Down the road from her house, FedEx jets take off and land around-the-clock at the world’s busiest cargo airport. Truck depots, commercial rail yards and underground industrial storage facilities all are nearby.
“I was having issues with sinuses and with breathing, and I didn’t really understand why,” said Davis, who runs a pair of air purifiers every time she cracks open a window. “I just really believe that it has a lot to do with the heavy pollution in the area.”
‘More trouble on top of trouble’
Everyone agrees that the mountain of coal ash is a nightmare waiting to happen.It piled up over five decades as workers burned 7,200 tons of coal per day to generate electricity that powered a region. The coal ash was stashed in giant pits that are now leaking and threatening to contaminate one of the most precious natural resources in the Deep South: the 55 trillion gallon Memphis Sand Aquifer, the underground source of the city’s drinking water.
Memphis is the only major city in the United States that draws all of its drinking water from the ground. A water quality test in 2017 confirmed the fears of environmentalists. It detected levels of arsenic 300 times higher than the legal limit in a shallow body of groundwater that sits above the deep main aquifer.
Although studies showed that the water is safe to drink, the TVA agreed to haul away and bury the coal ash at a cost of $300 million. The utility closed the Allen Fossil Plant and worked on alternative plans to get rid of the coal ash.
The agency held public meetings about the proposals it was considering and initiated an environmental analysis required under federal law. The most controversial option was trucking coal ash through a part of the city that was more than 80 percent Black.
As the TVA’s plan slowly unfolded, residents were involved in another fight against pollution. In 2019, two oil and gas companies — Valero Energy Corp. and Plains All-American Pipeline — announced plans to run a crude oil pipeline through the neighborhood.
The project would have gone through some people’s backyards, some said. But the pipeline company objected to that, saying 93 percent of properties the project would have crossed were vacant land and every resident with homes in the area had entered financial agreements to allow it.

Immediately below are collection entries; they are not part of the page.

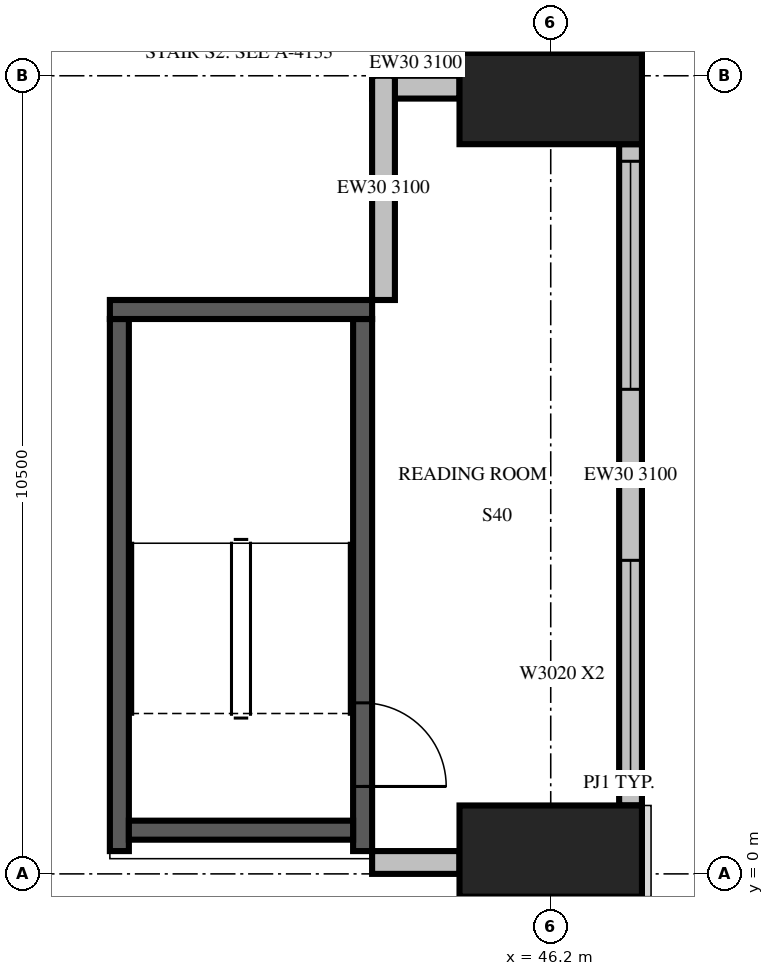
"""IFC4 building model, lengths in metres.
Left out: names, types, materials, properties, quantities, classifications, styles, units other than length and angle.
Written with IfcOpenShell. Run it as: python <this file> out.ifc"""

import sys

from ifc_helpers import new_model, si_unit, direction, frame, frame_2d, origin, origin_2d, place, context, subcontext, project, spatial, rectangle, extrude, source, transform, mapped, element, fill, save


model = new_model("IFC4")
c1 = context("Model", 3, precision=1e-05, world=origin(), true_north=direction((0.0, 1.0)))
c2 = subcontext(c1, "Body", "Model", "MODEL_VIEW")
j1 = project(units=[si_unit("LENGTHUNIT", "METRE"), si_unit("PLANEANGLEUNIT", "RADIAN")], contexts=[c1])
p1 = place(None, origin())
s1 = spatial("IfcSite", under=j1, at=p1, CompositionType="ELEMENT")
p2 = place(p1, origin())
s2 = spatial("IfcBuilding", under=s1, at=p2, CompositionType="ELEMENT")
p3 = place(p2, frame((0.0, 0.0, 337.0)))
s3 = spatial("IfcBuildingStorey", under=s2, at=p3, CompositionType="ELEMENT", Elevation=337.0)
m1 = source(origin(), c2, "Body", "SweptSolid", [
    extrude(rectangle(XDim=2.4, YDim=1.2, at=origin_2d()), origin(), (0.0, 0.0, 1.0), 3.5),
])
for number, where, z_axis, x_axis in (
    (1, (46.2, 0.3, 0.0), (0.0, 0.0, 1.0), (1.0, 0.0, 0.0)),
    (2, (46.2, 10.2, 0.0), (0.0, 0.0, 1.0), (1.0, 0.0, 0.0)),
):
    element("IfcColumn", number, at=place(p3, frame(where, z_axis=z_axis, x_axis=x_axis)), inside=s3, PredefinedType="PILASTER", context=c2, shape_type="MappedRepresentation", body=[
        mapped(m1, transform((0.0, 0.0, 0.0), scale=1.0)),
    ])
p4 = place(p3, frame((43.85, 0.15, 0.0), z_axis=(0.0, 0.0, 1.0), x_axis=(1.0, 0.0, 0.0)))
e3 = element("IfcWall", 3, at=p4, inside=s3, PredefinedType="STANDARD", context=c2, shape_type="SweptSolid", body=[
    extrude(rectangle(XDim=1.15, YDim=0.3, at=frame_2d((0.575, 0.0))), origin(), (0.0, 0.0, 1.0), 3.1),
])
m2 = source(origin(), c2, "Body", "SweptSolid", [
    extrude(rectangle(XDim=8.7, YDim=0.3, at=frame_2d((4.35, 0.0))), origin(), (0.0, 0.0, 1.0), 3.1),
])
p5 = place(p3, frame((47.25, 0.9, 0.0), z_axis=(0.0, 0.0, 1.0), x_axis=(0.0, 1.0, 0.0)))
e4 = element("IfcWall", 4, at=p5, inside=s3, PredefinedType="STANDARD", context=c2, shape_type="MappedRepresentation", body=[
    mapped(m2, transform((0.0, 0.0, 0.0), scale=1.0)),
])
m3 = source(origin(), c2, "Body", "SweptSolid", [
    extrude(rectangle(XDim=3.0, YDim=2.0, at=frame_2d((1.5, 1.0))), frame((0.0, 0.16, 0.0), z_axis=(0.0, -1.0, 0.0), x_axis=(1.0, 0.0, 0.0)), (0.0, 0.0, 1.0), 0.32),
])
p6 = place(p5, frame((0.225, 0.0, 0.6)))
e5 = element("IfcOpeningElement", 5, at=p6, cuts=e4, PredefinedType="OPENING", context=c2, shape_type="MappedRepresentation", body=[
    mapped(m3, transform((0.0, 0.0, 0.0), scale=1.0)),
])
p7 = place(p5, frame((5.475, 0.0, 0.6)))
e6 = element("IfcOpeningElement", 6, at=p7, cuts=e4, PredefinedType="OPENING", context=c2, shape_type="MappedRepresentation", body=[
    mapped(m3, transform((0.0, 0.0, 0.0), scale=1.0)),
])
m4 = source(origin(), c2, "Body", "SweptSolid", [
    extrude(rectangle(XDim=1.15, YDim=0.3, at=frame_2d((0.575, 0.0))), origin(), (0.0, 0.0, 1.0), 3.1),
])
p8 = place(p3, frame((45.0, 10.35, 0.0), z_axis=(0.0, 0.0, 1.0), x_axis=(-1.0, 0.0, 0.0)))
e7 = element("IfcWall", 7, at=p8, inside=s3, PredefinedType="STANDARD", context=c2, shape_type="MappedRepresentation", body=[
    mapped(m4, transform((0.0, 0.0, 0.0), scale=1.0)),
])
m5 = source(origin(), c2, "Body", "SweptSolid", [
    extrude(rectangle(XDim=2.95, YDim=0.3, at=frame_2d((1.475, 0.0))), origin(), (0.0, 0.0, 1.0), 3.1),
])
p9 = place(p3, frame((44.0, 10.5, 0.0), z_axis=(0.0, 0.0, 1.0), x_axis=(0.0, -1.0, 0.0)))
e8 = element("IfcWall", 8, at=p9, inside=s3, PredefinedType="STANDARD", context=c2, shape_type="MappedRepresentation", body=[
    mapped(m5, transform((0.0, 0.0, 0.0), scale=1.0)),
])
m6 = source(origin(), c2, "Body", "SweptSolid", [
    extrude(rectangle(XDim=7.0, YDim=0.25, at=frame_2d((3.5, 0.0))), origin(), (0.0, 0.0, 1.0), 3.1),
])
p10 = place(p3, frame((40.525, 0.3, 0.0), z_axis=(0.0, 0.0, 1.0), x_axis=(0.0, 1.0, 0.0)))
e9 = element("IfcWall", 9, at=p10, inside=s3, PredefinedType="SOLIDWALL", context=c2, shape_type="MappedRepresentation", body=[
    mapped(m6, transform((0.0, 0.0, 0.0), scale=1.0)),
])
p11 = place(p3, frame((43.725, 0.3, 0.0), z_axis=(0.0, 0.0, 1.0), x_axis=(0.0, 1.0, 0.0)))
e10 = element("IfcWall", 10, at=p11, inside=s3, PredefinedType="SOLIDWALL", context=c2, shape_type="MappedRepresentation", body=[
    mapped(m6, transform((0.0, 0.0, 0.0), scale=1.0)),
])
m7 = source(origin(), c2, "Body", "SweptSolid", [
    extrude(rectangle(XDim=1.1, YDim=2.1, at=frame_2d((0.55, 1.05))), frame((0.0, 0.135, 0.0), z_axis=(0.0, -1.0, 0.0), x_axis=(1.0, 0.0, 0.0)), (0.0, 0.0, 1.0), 0.27),
])
p12 = place(p11, frame((0.85, 0.0, 0.0)))
e11 = element("IfcOpeningElement", 11, at=p12, cuts=e10, PredefinedType="OPENING", context=c2, shape_type="MappedRepresentation", body=[
    mapped(m7, transform((0.0, 0.0, 0.0), scale=1.0)),
])
m8 = source(origin(), c2, "Body", "SweptSolid", [
    extrude(rectangle(XDim=3.45, YDim=0.25, at=frame_2d((1.725, 0.0))), origin(), (0.0, 0.0, 1.0), 3.1),
])
p13 = place(p3, frame((40.4, 7.425, 0.0), z_axis=(0.0, 0.0, 1.0), x_axis=(1.0, 0.0, 0.0)))
e12 = element("IfcWall", 12, at=p13, inside=s3, PredefinedType="SOLIDWALL", context=c2, shape_type="MappedRepresentation", body=[
    mapped(m8, transform((0.0, 0.0, 0.0), scale=1.0)),
])
m9 = source(origin(), c2, "Body", "SweptSolid", [
    extrude(rectangle(XDim=2.95, YDim=0.25, at=frame_2d((1.475, 0.0))), origin(), (0.0, 0.0, 1.0), 3.1),
])
p14 = place(p3, frame((40.65, 0.575, 0.0), z_axis=(0.0, 0.0, 1.0), x_axis=(1.0, 0.0, 0.0)))
e13 = element("IfcWall", 13, at=p14, inside=s3, PredefinedType="SOLIDWALL", context=c2, shape_type="MappedRepresentation", body=[
    mapped(m9, transform((0.0, 0.0, 0.0), scale=1.0)),
])
m10 = source(origin(), c2, "Body", "SweptSolid", [
    extrude(rectangle(XDim=3.0, YDim=2.0, at=frame_2d((1.5, 1.0))), frame((0.0, 0.03, 0.0), z_axis=(0.0, -1.0, 0.0), x_axis=(1.0, 0.0, 0.0)), (0.0, 0.0, 1.0), 0.06),
])
p15 = place(p6, origin())
e14 = element("IfcWindow", 14, at=p15, inside=s3, PartitioningType="SINGLE_PANEL", PredefinedType="WINDOW", context=c2, shape_type="MappedRepresentation", body=[
    mapped(m10, transform((0.0, 0.0, 0.0), scale=1.0)),
])
fill(e5, e14)
p16 = place(p7, origin())
e15 = element("IfcWindow", 15, at=p16, inside=s3, PartitioningType="SINGLE_PANEL", PredefinedType="WINDOW", context=c2, shape_type="MappedRepresentation", body=[
    mapped(m10, transform((0.0, 0.0, 0.0), scale=1.0)),
])
fill(e6, e15)
m11 = source(origin(), c2, "Body", "SweptSolid", [
    extrude(rectangle(XDim=1.1, YDim=2.1, at=frame_2d((0.55, 1.05))), frame((0.0, 0.025, 0.0), z_axis=(0.0, -1.0, 0.0), x_axis=(1.0, 0.0, 0.0)), (0.0, 0.0, 1.0), 0.05),
])
p17 = place(p12, origin())
e16 = element("IfcDoor", 16, at=p17, inside=s3, OperationType="SINGLE_SWING_RIGHT", PredefinedType="DOOR", context=c2, shape_type="MappedRepresentation", body=[
    mapped(m11, transform((0.0, 0.0, 0.0), scale=1.0)),
])
fill(e11, e16)
save(model, sys.argv[1])

Local activists who mobilized against it felt they were fighting a losing cause after a representative for the oil companies made a remark that angered all of south Memphis.
At a community meeting in early 2020, a land agent contracted by the companies explained why they selected their neighborhood: “We took, basically, a point of least resistance.” His remarks were recorded and published on a podcast, “Broken Ground.”
As residents reportedly stared at each other in disbelief, the land agent added: “We encountered [other] communities that were newly being built, and we rerouted around them.”
Valero Energy declined requests for comments and Plains All-American issued a brief statement. At the time, the companies claimed that the land agent had misspoken, saying that choosing “a point of least resistance” was never their intention.